Dolotova L.F., Estrin V.V.

Scientific research Institute of Obstetrics and Pediatrics, Russia

Rostov-on-Don

 

Effectiveness of SELENASE® in therapy of the respiratory distress syndrome (SDR) of the newborn babies and its influence on the manifestation of systemic inflammatory response syndrome (SIRS)

Until now, one of the most difficult problem of neonatology is the treatment of the septic-purulent phenomenon, complicating the course in neonatal respiratory distress syndrome [1, 2]. In this connection, the search for new approaches to diagnosis and treatment of sepsis is perspective. Moreover, analysis of published data indicates that the use of selenium-containing preparations contribute not only reducing SIRS, but also reducing the severity of sepsis [3, 4, 5]. The latter circumstance  served as an  the impetus for this study.

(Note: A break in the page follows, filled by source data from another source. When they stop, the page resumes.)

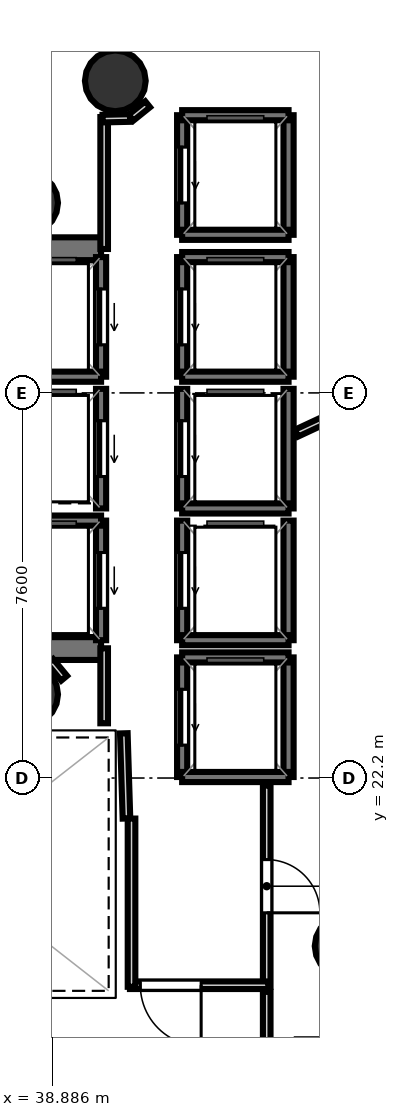
"""IFC4 building model, lengths in metres.
Left out: names, types, materials, properties, quantities, classifications, styles, units other than length and angle.
Written with IfcOpenShell. Run it as: python <this file> out.ifc"""

import sys

from ifc_helpers import new_model, si_unit, direction, frame, frame_2d, origin, origin_2d, place, context, subcontext, project, spatial, rectangle, hollow_circle, extrude, element, fill, save


model = new_model("IFC4")
c1 = context("Model", 3, precision=1e-05, world=origin(), true_north=direction((0.0, 1.0)))
c2 = subcontext(c1, "Body", "Model", "MODEL_VIEW")
j1 = project(units=[si_unit("LENGTHUNIT", "METRE"), si_unit("PLANEANGLEUNIT", "RADIAN")], contexts=[c1])
p1 = place(None, origin())
s1 = spatial("IfcSite", under=j1, at=p1, CompositionType="ELEMENT")
p2 = place(p1, origin())
s2 = spatial("IfcBuilding", under=s1, at=p2, CompositionType="ELEMENT")
p3 = place(p2, frame((0.0, 0.0, 229.9)))
s3 = spatial("IfcBuildingStorey", under=s2, at=p3, CompositionType="ELEMENT", Elevation=229.9)
p4 = place(p3, frame((29.33, 32.645, 0.0), z_axis=(0.0, 0.0, 1.0), x_axis=(1.0, 0.0, 0.0)))
e1 = element("IfcWall", 1, at=p4, inside=s3, PredefinedType="SHEAR", context=c2, shape_type="SweptSolid", body=[
    extrude(rectangle(XDim=10.52, YDim=0.45, at=frame_2d((5.26, 0.0))), origin(), (0.0, 0.0, 1.0), 4.38),
])
p5 = place(p4, frame((0.895, 0.0, 0.0)))
e2 = element("IfcOpeningElement", 2, at=p5, cuts=e1, PredefinedType="OPENING", context=c2, shape_type="SweptSolid", body=[
    extrude(rectangle(XDim=1.25, YDim=2.15, at=frame_2d((0.625, 1.075))), frame((0.0, 0.235, 0.0), z_axis=(0.0, -1.0, 0.0), x_axis=(1.0, 0.0, 0.0)), (0.0, 0.0, 1.0), 0.47),
])
p6 = place(p3, frame((29.33, 24.755, 0.0), z_axis=(0.0, 0.0, 1.0), x_axis=(1.0, 0.0, 0.0)))
e3 = element("IfcWall", 3, at=p6, inside=s3, PredefinedType="SHEAR", context=c2, shape_type="SweptSolid", body=[
    extrude(rectangle(XDim=10.52, YDim=0.45, at=frame_2d((5.26, 0.0))), origin(), (0.0, 0.0, 1.0), 4.38),
])
p7 = place(p6, frame((0.695, 0.0, 0.0)))
e4 = element("IfcOpeningElement", 4, at=p7, cuts=e3, PredefinedType="OPENING", context=c2, shape_type="SweptSolid", body=[
    extrude(rectangle(XDim=1.25, YDim=2.15, at=frame_2d((0.625, 1.075))), frame((0.0, 0.235, 0.0), z_axis=(0.0, -1.0, 0.0), x_axis=(1.0, 0.0, 0.0)), (0.0, 0.0, 1.0), 0.47),
])
for number, where, z_axis, x_axis in (
    (5, (38.4, 33.55, 0.0), (0.0, 0.0, 1.0), (1.0, 0.0, 0.0)),
    (6, (38.4, 23.85, 0.0), (0.0, 0.0, 1.0), (1.0, 0.0, 0.0)),
    (7, (40.131, 35.958, 0.0), (0.0, 0.0, 1.0), (1.0, 0.0, 0.0)),
    (8, (44.667, 18.883, 0.0), (0.0, 0.0, 1.0), (1.0, 0.0, 0.0)),
):
    element("IfcColumn", number, at=place(p3, frame(where, z_axis=z_axis, x_axis=x_axis)), inside=s3, PredefinedType="COLUMN", context=c2, shape_type="SweptSolid", body=[
        extrude(hollow_circle(Radius=0.6, WallThickness=0.03, at=origin_2d()), origin(), (0.0, 0.0, 1.0), 4.6),
    ])
p8 = place(p3, frame((39.85, 30.12, 0.0), z_axis=(0.0, 0.0, 1.0), x_axis=(0.0, 1.0, 0.0)))
e9 = element("IfcWall", 9, at=p8, inside=s3, PredefinedType="SOLIDWALL", context=c2, shape_type="SweptSolid", body=[
    extrude(rectangle(XDim=2.36, YDim=0.2, at=frame_2d((1.18, 0.0))), origin(), (0.0, 0.0, 1.0), 4.38),
])
p9 = place(p8, frame((0.63, 0.0, 0.0)))
e10 = element("IfcOpeningElement", 10, at=p9, cuts=e9, PredefinedType="OPENING", context=c2, shape_type="SweptSolid", body=[
    extrude(rectangle(XDim=1.1, YDim=2.15, at=frame_2d((0.55, 1.075))), frame((0.0, 0.11, 0.0), z_axis=(0.0, -1.0, 0.0), x_axis=(1.0, 0.0, 0.0)), (0.0, 0.0, 1.0), 0.22),
])
p10 = place(p3, frame((37.75, 30.12, 0.0), z_axis=(0.0, 0.0, 1.0), x_axis=(1.0, 0.0, 0.0)))
e11 = element("IfcWall", 11, at=p10, inside=s3, PredefinedType="SOLIDWALL", context=c2, shape_type="SweptSolid", body=[
    extrude(rectangle(XDim=2.1, YDim=0.2, at=frame_2d((1.05, 0.0))), origin(), (0.0, 0.0, 1.0), 4.38),
])
p11 = place(p3, frame((39.85, 24.92, 0.0), z_axis=(0.0, 0.0, 1.0), x_axis=(0.0, 1.0, 0.0)))
e12 = element("IfcWall", 12, at=p11, inside=s3, PredefinedType="SOLIDWALL", context=c2, shape_type="SweptSolid", body=[
    extrude(rectangle(XDim=2.36, YDim=0.2, at=frame_2d((1.18, 0.0))), origin(), (0.0, 0.0, 1.0), 4.38),
])
p12 = place(p11, frame((0.63, 0.0, 0.0)))
e13 = element("IfcOpeningElement", 13, at=p12, cuts=e12, PredefinedType="OPENING", context=c2, shape_type="SweptSolid", body=[
    extrude(rectangle(XDim=1.1, YDim=2.15, at=frame_2d((0.55, 1.075))), frame((0.0, 0.11, 0.0), z_axis=(0.0, -1.0, 0.0), x_axis=(1.0, 0.0, 0.0)), (0.0, 0.0, 1.0), 0.22),
])
p13 = place(p3, frame((37.75, 27.28, 0.0), z_axis=(0.0, 0.0, 1.0), x_axis=(1.0, 0.0, 0.0)))
e14 = element("IfcWall", 14, at=p13, inside=s3, PredefinedType="SOLIDWALL", context=c2, shape_type="SweptSolid", body=[
    extrude(rectangle(XDim=2.1, YDim=0.2, at=frame_2d((1.05, 0.0))), origin(), (0.0, 0.0, 1.0), 4.38),
])
p14 = place(p3, frame((43.55, 30.12, 0.0), z_axis=(0.0, 0.0, 1.0), x_axis=(0.0, 1.0, 0.0)))
e15 = element("IfcWall", 15, at=p14, inside=s3, PredefinedType="SOLIDWALL", context=c2, shape_type="SweptSolid", body=[
    extrude(rectangle(XDim=2.36, YDim=0.2, at=frame_2d((1.18, 0.0))), origin(), (0.0, 0.0, 1.0), 4.38),
])
p15 = place(p3, frame((41.45, 30.12, 0.0), z_axis=(0.0, 0.0, 1.0), x_axis=(0.0, 1.0, 0.0)))
e16 = element("IfcWall", 16, at=p15, inside=s3, PredefinedType="SOLIDWALL", context=c2, shape_type="SweptSolid", body=[
    extrude(rectangle(XDim=2.36, YDim=0.2, at=frame_2d((1.18, 0.0))), origin(), (0.0, 0.0, 1.0), 4.38),
])
p16 = place(p15, frame((0.63, 0.0, 0.0)))
e17 = element("IfcOpeningElement", 17, at=p16, cuts=e16, PredefinedType="OPENING", context=c2, shape_type="SweptSolid", body=[
    extrude(rectangle(XDim=1.1, YDim=2.15, at=frame_2d((0.55, 1.075))), frame((0.0, 0.11, 0.0), z_axis=(0.0, -1.0, 0.0), x_axis=(1.0, 0.0, 0.0)), (0.0, 0.0, 1.0), 0.22),
])
for number, where, z_axis, x_axis in (
    (18, (41.45, 32.48, 0.0), (0.0, 0.0, 1.0), (1.0, 0.0, 0.0)),
    (19, (41.45, 30.12, 0.0), (0.0, 0.0, 1.0), (1.0, 0.0, 0.0)),
):
    element("IfcWall", number, at=place(p3, frame(where, z_axis=z_axis, x_axis=x_axis)), inside=s3, PredefinedType="SOLIDWALL", context=c2, shape_type="SweptSolid", body=[
        extrude(rectangle(XDim=2.1, YDim=0.2, at=frame_2d((1.05, 0.0))), origin(), (0.0, 0.0, 1.0), 4.38),
    ])
p17 = place(p3, frame((43.55, 27.52, 0.0), z_axis=(0.0, 0.0, 1.0), x_axis=(0.0, 1.0, 0.0)))
e20 = element("IfcWall", 20, at=p17, inside=s3, PredefinedType="SOLIDWALL", context=c2, shape_type="SweptSolid", body=[
    extrude(rectangle(XDim=2.36, YDim=0.2, at=frame_2d((1.18, 0.0))), origin(), (0.0, 0.0, 1.0), 4.38),
])
p18 = place(p3, frame((41.45, 27.52, 0.0), z_axis=(0.0, 0.0, 1.0), x_axis=(0.0, 1.0, 0.0)))
e21 = element("IfcWall", 21, at=p18, inside=s3, PredefinedType="SOLIDWALL", context=c2, shape_type="SweptSolid", body=[
    extrude(rectangle(XDim=2.36, YDim=0.2, at=frame_2d((1.18, 0.0))), origin(), (0.0, 0.0, 1.0), 4.38),
])
p19 = place(p18, frame((0.63, 0.0, 0.0)))
e22 = element("IfcOpeningElement", 22, at=p19, cuts=e21, PredefinedType="OPENING", context=c2, shape_type="SweptSolid", body=[
    extrude(rectangle(XDim=1.1, YDim=2.15, at=frame_2d((0.55, 1.075))), frame((0.0, 0.11, 0.0), z_axis=(0.0, -1.0, 0.0), x_axis=(1.0, 0.0, 0.0)), (0.0, 0.0, 1.0), 0.22),
])
p20 = place(p3, frame((41.45, 27.52, 0.0), z_axis=(0.0, 0.0, 1.0), x_axis=(1.0, 0.0, 0.0)))
e23 = element("IfcWall", 23, at=p20, inside=s3, PredefinedType="SOLIDWALL", context=c2, shape_type="SweptSolid", body=[
    extrude(rectangle(XDim=2.1, YDim=0.2, at=frame_2d((1.05, 0.0))), origin(), (0.0, 0.0, 1.0), 4.38),
])
p21 = place(p3, frame((43.55, 24.92, 0.0), z_axis=(0.0, 0.0, 1.0), x_axis=(0.0, 1.0, 0.0)))
e24 = element("IfcWall", 24, at=p21, inside=s3, PredefinedType="SOLIDWALL", context=c2, shape_type="SweptSolid", body=[
    extrude(rectangle(XDim=2.36, YDim=0.2, at=frame_2d((1.18, 0.0))), origin(), (0.0, 0.0, 1.0), 4.38),
])
p22 = place(p3, frame((41.45, 24.92, 0.0), z_axis=(0.0, 0.0, 1.0), x_axis=(0.0, 1.0, 0.0)))
e25 = element("IfcWall", 25, at=p22, inside=s3, PredefinedType="SOLIDWALL", context=c2, shape_type="SweptSolid", body=[
    extrude(rectangle(XDim=2.36, YDim=0.2, at=frame_2d((1.18, 0.0))), origin(), (0.0, 0.0, 1.0), 4.38),
])
p23 = place(p22, frame((0.63, 0.0, 0.0)))
e26 = element("IfcOpeningElement", 26, at=p23, cuts=e25, PredefinedType="OPENING", context=c2, shape_type="SweptSolid", body=[
    extrude(rectangle(XDim=1.1, YDim=2.15, at=frame_2d((0.55, 1.075))), frame((0.0, 0.11, 0.0), z_axis=(0.0, -1.0, 0.0), x_axis=(1.0, 0.0, 0.0)), (0.0, 0.0, 1.0), 0.22),
])
p24 = place(p3, frame((41.45, 24.92, 0.0), z_axis=(0.0, 0.0, 1.0), x_axis=(1.0, 0.0, 0.0)))
e27 = element("IfcWall", 27, at=p24, inside=s3, PredefinedType="SOLIDWALL", context=c2, shape_type="SweptSolid", body=[
    extrude(rectangle(XDim=2.1, YDim=0.2, at=frame_2d((1.05, 0.0))), origin(), (0.0, 0.0, 1.0), 4.38),
])
p25 = place(p3, frame((39.85, 27.52, 0.0), z_axis=(0.0, 0.0, 1.0), x_axis=(0.0, 1.0, 0.0)))
e28 = element("IfcWall", 28, at=p25, inside=s3, PredefinedType="SOLIDWALL", context=c2, shape_type="SweptSolid", body=[
    extrude(rectangle(XDim=2.36, YDim=0.2, at=frame_2d((1.18, 0.0))), origin(), (0.0, 0.0, 1.0), 4.38),
])
p26 = place(p25, frame((0.63, 0.0, 0.0)))
e29 = element("IfcOpeningElement", 29, at=p26, cuts=e28, PredefinedType="OPENING", context=c2, shape_type="SweptSolid", body=[
    extrude(rectangle(XDim=1.1, YDim=2.15, at=frame_2d((0.55, 1.075))), frame((0.0, 0.11, 0.0), z_axis=(0.0, -1.0, 0.0), x_axis=(1.0, 0.0, 0.0)), (0.0, 0.0, 1.0), 0.22),
])
p27 = place(p3, frame((43.55, 22.22, 0.0), z_axis=(0.0, 0.0, 1.0), x_axis=(0.0, 1.0, 0.0)))
e30 = element("IfcWall", 30, at=p27, inside=s3, PredefinedType="SOLIDWALL", context=c2, shape_type="SweptSolid", body=[
    extrude(rectangle(XDim=2.36, YDim=0.2, at=frame_2d((1.18, 0.0))), origin(), (0.0, 0.0, 1.0), 4.38),
])
p28 = place(p3, frame((41.45, 22.22, 0.0), z_axis=(0.0, 0.0, 1.0), x_axis=(0.0, 1.0, 0.0)))
e31 = element("IfcWall", 31, at=p28, inside=s3, PredefinedType="SOLIDWALL", context=c2, shape_type="SweptSolid", body=[
    extrude(rectangle(XDim=2.36, YDim=0.2, at=frame_2d((1.18, 0.0))), origin(), (0.0, 0.0, 1.0), 4.38),
])
p29 = place(p28, frame((0.63, 0.0, 0.0)))
e32 = element("IfcOpeningElement", 32, at=p29, cuts=e31, PredefinedType="OPENING", context=c2, shape_type="SweptSolid", body=[
    extrude(rectangle(XDim=1.1, YDim=2.15, at=frame_2d((0.55, 1.075))), frame((0.0, 0.11, 0.0), z_axis=(0.0, -1.0, 0.0), x_axis=(1.0, 0.0, 0.0)), (0.0, 0.0, 1.0), 0.22),
])
for number, where, z_axis, x_axis in (
    (33, (41.45, 24.58, 0.0), (0.0, 0.0, 1.0), (1.0, 0.0, 0.0)),
    (34, (41.45, 22.22, 0.0), (0.0, 0.0, 1.0), (1.0, 0.0, 0.0)),
):
    element("IfcWall", number, at=place(p3, frame(where, z_axis=z_axis, x_axis=x_axis)), inside=s3, PredefinedType="SOLIDWALL", context=c2, shape_type="SweptSolid", body=[
        extrude(rectangle(XDim=2.1, YDim=0.2, at=frame_2d((1.05, 0.0))), origin(), (0.0, 0.0, 1.0), 4.38),
    ])
p30 = place(p3, frame((43.55, 32.92, 0.0), z_axis=(0.0, 0.0, 1.0), x_axis=(0.0, 1.0, 0.0)))
e35 = element("IfcWall", 35, at=p30, inside=s3, PredefinedType="SOLIDWALL", context=c2, shape_type="SweptSolid", body=[
    extrude(rectangle(XDim=2.36, YDim=0.2, at=frame_2d((1.18, 0.0))), origin(), (0.0, 0.0, 1.0), 4.38),
])
p31 = place(p3, frame((41.45, 32.92, 0.0), z_axis=(0.0, 0.0, 1.0), x_axis=(0.0, 1.0, 0.0)))
e36 = element("IfcWall", 36, at=p31, inside=s3, PredefinedType="SOLIDWALL", context=c2, shape_type="SweptSolid", body=[
    extrude(rectangle(XDim=2.36, YDim=0.2, at=frame_2d((1.18, 0.0))), origin(), (0.0, 0.0, 1.0), 4.38),
])
p32 = place(p31, frame((0.63, 0.0, 0.0)))
e37 = element("IfcOpeningElement", 37, at=p32, cuts=e36, PredefinedType="OPENING", context=c2, shape_type="SweptSolid", body=[
    extrude(rectangle(XDim=1.1, YDim=2.15, at=frame_2d((0.55, 1.075))), frame((0.0, 0.11, 0.0), z_axis=(0.0, -1.0, 0.0), x_axis=(1.0, 0.0, 0.0)), (0.0, 0.0, 1.0), 0.22),
])
for number, where, z_axis, x_axis in (
    (38, (41.45, 35.28, 0.0), (0.0, 0.0, 1.0), (1.0, 0.0, 0.0)),
    (39, (41.45, 32.92, 0.0), (0.0, 0.0, 1.0), (1.0, 0.0, 0.0)),
):
    element("IfcWall", number, at=place(p3, frame(where, z_axis=z_axis, x_axis=x_axis)), inside=s3, PredefinedType="SOLIDWALL", context=c2, shape_type="SweptSolid", body=[
        extrude(rectangle(XDim=2.1, YDim=0.2, at=frame_2d((1.05, 0.0))), origin(), (0.0, 0.0, 1.0), 4.38),
    ])
p33 = place(p3, frame((40.351, 21.401, 0.0), z_axis=(0.0, 0.0, 1.0), x_axis=(-0.031058045979, 0.999517582527, 0.0)))
e40 = element("IfcWall", 40, at=p33, inside=s3, PredefinedType="PARTITIONING", context=c2, shape_type="SweptSolid", body=[
    extrude(rectangle(XDim=1.682, YDim=0.15, at=frame_2d((0.841, 0.0))), origin(), (0.0, 0.0, 1.0), 2.9),
])
p34 = place(p3, frame((39.911, 23.28, 0.0), z_axis=(0.0, 0.0, 1.0), x_axis=(0.0, 1.0, 0.0)))
e41 = element("IfcWall", 41, at=p34, inside=s3, PredefinedType="PARTITIONING", context=c2, shape_type="SweptSolid", body=[
    extrude(rectangle(XDim=1.48, YDim=0.15, at=frame_2d((0.74, 0.0))), origin(), (0.0, 0.0, 1.0), 2.9),
])
p35 = place(p3, frame((39.911, 32.64, 0.0), z_axis=(0.0, 0.0, 1.0), x_axis=(0.0, 1.0, 0.0)))
e42 = element("IfcWall", 42, at=p35, inside=s3, PredefinedType="PARTITIONING", context=c2, shape_type="SweptSolid", body=[
    extrude(rectangle(XDim=2.604, YDim=0.15, at=frame_2d((1.302, 0.0))), origin(), (0.0, 0.0, 1.0), 2.9),
])
p36 = place(p3, frame((39.881, 35.213, 0.0), z_axis=(0.0, 0.0, 1.0), x_axis=(0.999756500784, 0.02206669754, 0.0)))
e43 = element("IfcWall", 43, at=p36, inside=s3, PredefinedType="PARTITIONING", context=c2, shape_type="SweptSolid", body=[
    extrude(rectangle(XDim=0.542, YDim=0.15, at=frame_2d((0.271, 0.0))), origin(), (0.0, 0.0, 1.0), 2.9),
])
p37 = place(p3, frame((40.441, 35.232, 0.0), z_axis=(0.0, 0.0, 1.0), x_axis=(0.778714564707, 0.627378376033, 0.0)))
e44 = element("IfcWall", 44, at=p37, inside=s3, PredefinedType="PARTITIONING", context=c2, shape_type="SweptSolid", body=[
    extrude(rectangle(XDim=0.421, YDim=0.15, at=frame_2d((0.21, 0.0))), origin(), (0.0, 0.0, 1.0), 2.9),
])
p38 = place(p3, frame((43.119, 22.05, 0.0), z_axis=(0.0, 0.0, 1.0), x_axis=(0.0, -1.0, 0.0)))
e45 = element("IfcWall", 45, at=p38, inside=s3, PredefinedType="PARTITIONING", context=c2, shape_type="SweptSolid", body=[
    extrude(rectangle(XDim=3.97, YDim=0.15, at=frame_2d((1.985, 0.0))), origin(), (0.0, 0.0, 1.0), 2.9),
])
p39 = place(p38, frame((1.46, 0.0, 0.0)))
e46 = element("IfcOpeningElement", 46, at=p39, cuts=e45, PredefinedType="OPENING", context=c2, shape_type="SweptSolid", body=[
    extrude(rectangle(XDim=1.05, YDim=2.15, at=frame_2d((0.525, 1.075))), frame((0.0, 0.085, 0.0), z_axis=(0.0, -1.0, 0.0), x_axis=(1.0, 0.0, 0.0)), (0.0, 0.0, 1.0), 0.17),
])
p40 = place(p3, frame((43.15, 18.111, 0.0), z_axis=(0.0, 0.0, 1.0), x_axis=(-1.0, 0.0, 0.0)))
e47 = element("IfcWall", 47, at=p40, inside=s3, PredefinedType="PARTITIONING", context=c2, shape_type="SweptSolid", body=[
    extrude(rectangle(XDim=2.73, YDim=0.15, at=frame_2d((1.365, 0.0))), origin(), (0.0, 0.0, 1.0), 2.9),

The aim of the study was to test the hypothesis that the use of sodium selenite pentahydrate (drug Selenase ®, Biosyn, Germany) in the conducted  standard intensive care,which was adopted in the intensive care department pediatric anesthesiology and resuscitation (DPAR) of the Rostov Scientific Research Institute of Obstetrics and Pediatrics, will reduce the incidence of SIRS (sepsis ) of the newborns babies with perinatal lesion (PP CNS)  and SDR, who are on the pulmonary artificial ventilation (AVP). Patients and methods: according to the design, there were examined 76 newborn babies with the respiratory distress syndrome. Children were born in the critical condition, demanding the organizing of the primary reanimation measures (order number 372 Ministry of Public Health, Russia), with the Apgar scores 3,1 ± 1,1  gestational age 39,1 ± 1,1 weeks, body weight 3350 ± 250 g, translated to the mechanical ventilation in the delivery room and entering in the intensive care unit in of the first 48 hours of life.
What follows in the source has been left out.